Il lavoro di Howard a pag. 224 pone a confronto retrospettivamente 170 pazienti ortesizzati trattati con tre corsetti differenti. Il PdV di Sibilla a pag. 228 è magistrale e da solo esaurisce ogni commento. In questa sede a noi solo rilevare che, di nuovo, le ortesi basse dimostrano più efficacia. Questo lavoro va secondo noi a sposarsi in pieno con quello successivo di Noonan a pag. 236, dove vengono rivisti i danni psicologici conseguenti al trattamento ortesico, posti a confronto con quelli del trattamento chirurgico. I segni, come si vede, e come già era noto da anni, ci sono e spesso risultano indelebili.
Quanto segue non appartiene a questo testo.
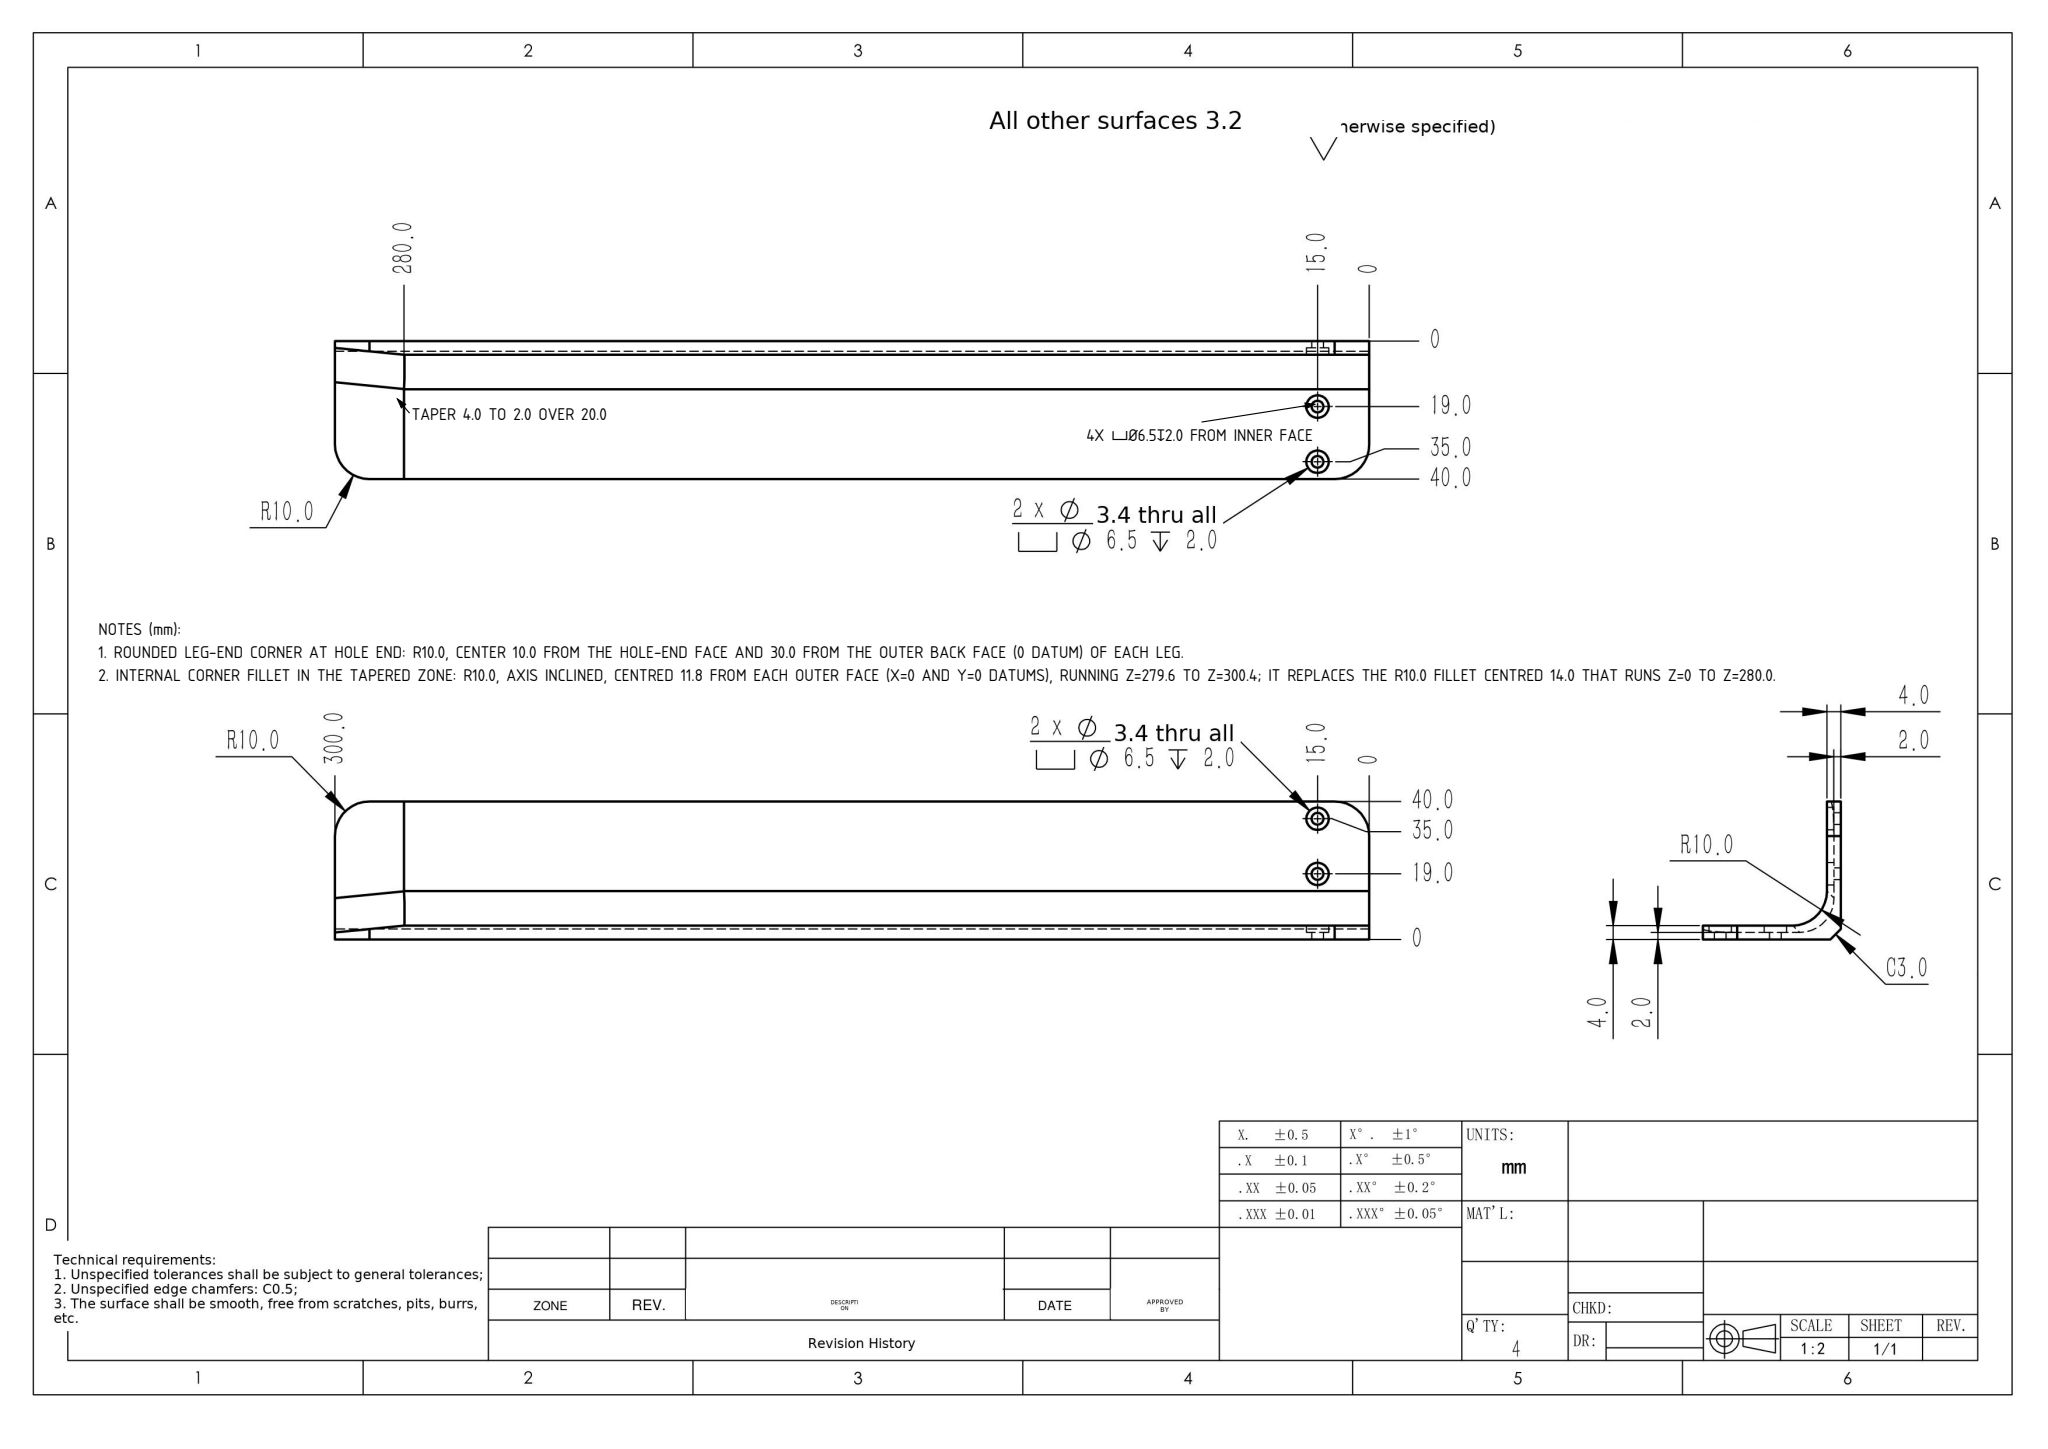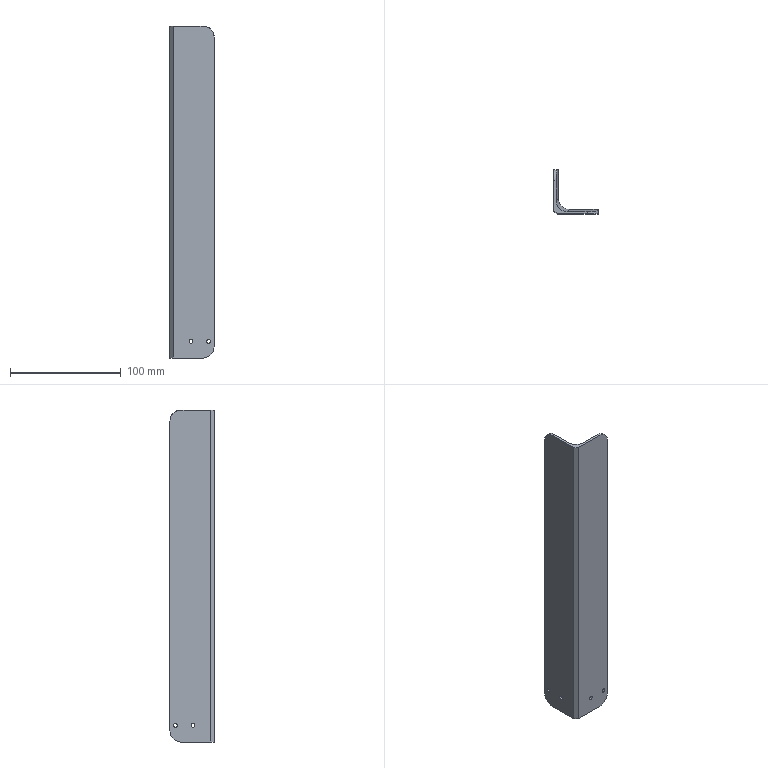Part | SolidWorks | mm | 1 solid | 37 faces | box 40 x 40 x 300 mm | volume 94211 mm3 | cylinder 22 | plane 15 | commonest cylinder face diameters 6.5 x8 3.4 x8 20 x6
Drawing notes:
ROUNDED LEG-END CORNER AT HOLE END: R10.0, CENTER 10.0 FROM THE HOLE-END FACE AND 30.0 FROM THE OUTER BACK FACE (0 DATUM) OF EACH LEG. | from the solid: cylinders [20.0,'x',[null,30.0,10.0],4.0] and [20.0,'y',[30.0,null,10.0],4.0]
WALL TRANSITION IS A TAPER, NOT A STEP: INNER WALL FACE RUNS AT 5.7 DEG TO THE Z AXIS OVER THE 20.0 LENGTH FROM Z=280.0 TO Z=300.0 (Z=0 = HOLE END FACE), TAKING WALL FROM 4.0 THICK (INNER FACE AT X=4.0 / Y=4.0) TO 2.0 THICK (INNER FACE AT X=2.0 / Y=2.0) AT Z=300.0. | from the solid: inclined_planes 5.7 deg, bbox_from [2.0,12.0,280.0] size [2.0,28.0,20.0] and [12.0,2.0,280.0] size [28.0,2.0,20.0]; axis_planes x=4.0 and y=4.0 extend z 0-280.0
INTERNAL CORNER FILLET IN THE TAPERED ZONE: R10.0, AXIS INCLINED, CENTRED 11.8 FROM EACH OUTER FACE (X=0 AND Y=0 DATUMS), RUNNING Z=279.6 TO Z=300.4; IT REPLACES THE R10.0 FILLET CENTRED 14.0 THAT RUNS Z=0 TO Z=280.0. | from the solid: cylinders: concave arc dia 20.0 inclined at (11.8,11.8) from 279.6 to 300.4, 89 deg; concave arc dia 20.0 axis z at (14.0,14.0) from 0.0 to 280.0
COUNTERBORE DIRECTION: 4X Ø3.4 THRU DRILLED FROM THE OUTER BACK FACE (X=0 / Y=0 DATUM), Ø6.5 CBORE 2.0 DEEP MACHINED FROM THE INNER FACE (X=4.0 / Y=4.0), I.E. CBORE SPANS 2.0 TO 4.0 FROM THE DATUM FACE; HOLE AXES AT Z=15.0, AT 19.0 AND 35.0 FROM THE OPPOSITE OUTER FACE. | from the solid: cylinders: hole 3.4 axis x/y at (19.0/35.0, z=15.0) from 0.0 to 2.0; hole 6.5 same axes from 2.0 to 4.0

Abbiamo già scritto diverse volte e qui ribadiamo: se anche l'efficacia fosse soltanto pari, dati gli indubbi e ben documentati danni psicologici del corsetto di Milwaukee, i corsetti bassi sono da preferire. La riduzione dell'handicap sociale dovuta alle benefiche conseguenze psicologiche è immediata; i vantaggi biomeccanici, che evitano la cifosi lombare e la lordosi dorsale (nei casi peggiori dei più antichi corsetti in cifosi lombare) e riducono il dorso piatto (nei casi migliori di Milwaukee più rispettosi della fisiologia del rachide), sono meno evidenti nel breve periodo ma altrettanto appariscenti sul lungo, usando corsetti che da un lato consentono più facilmente di rispettare l'assetto sagittale della colonna, dall'altro permettono di fare quella essenziale cinesiterapia in cifosi dorsale che il Milwaukee letteralmente impedisce.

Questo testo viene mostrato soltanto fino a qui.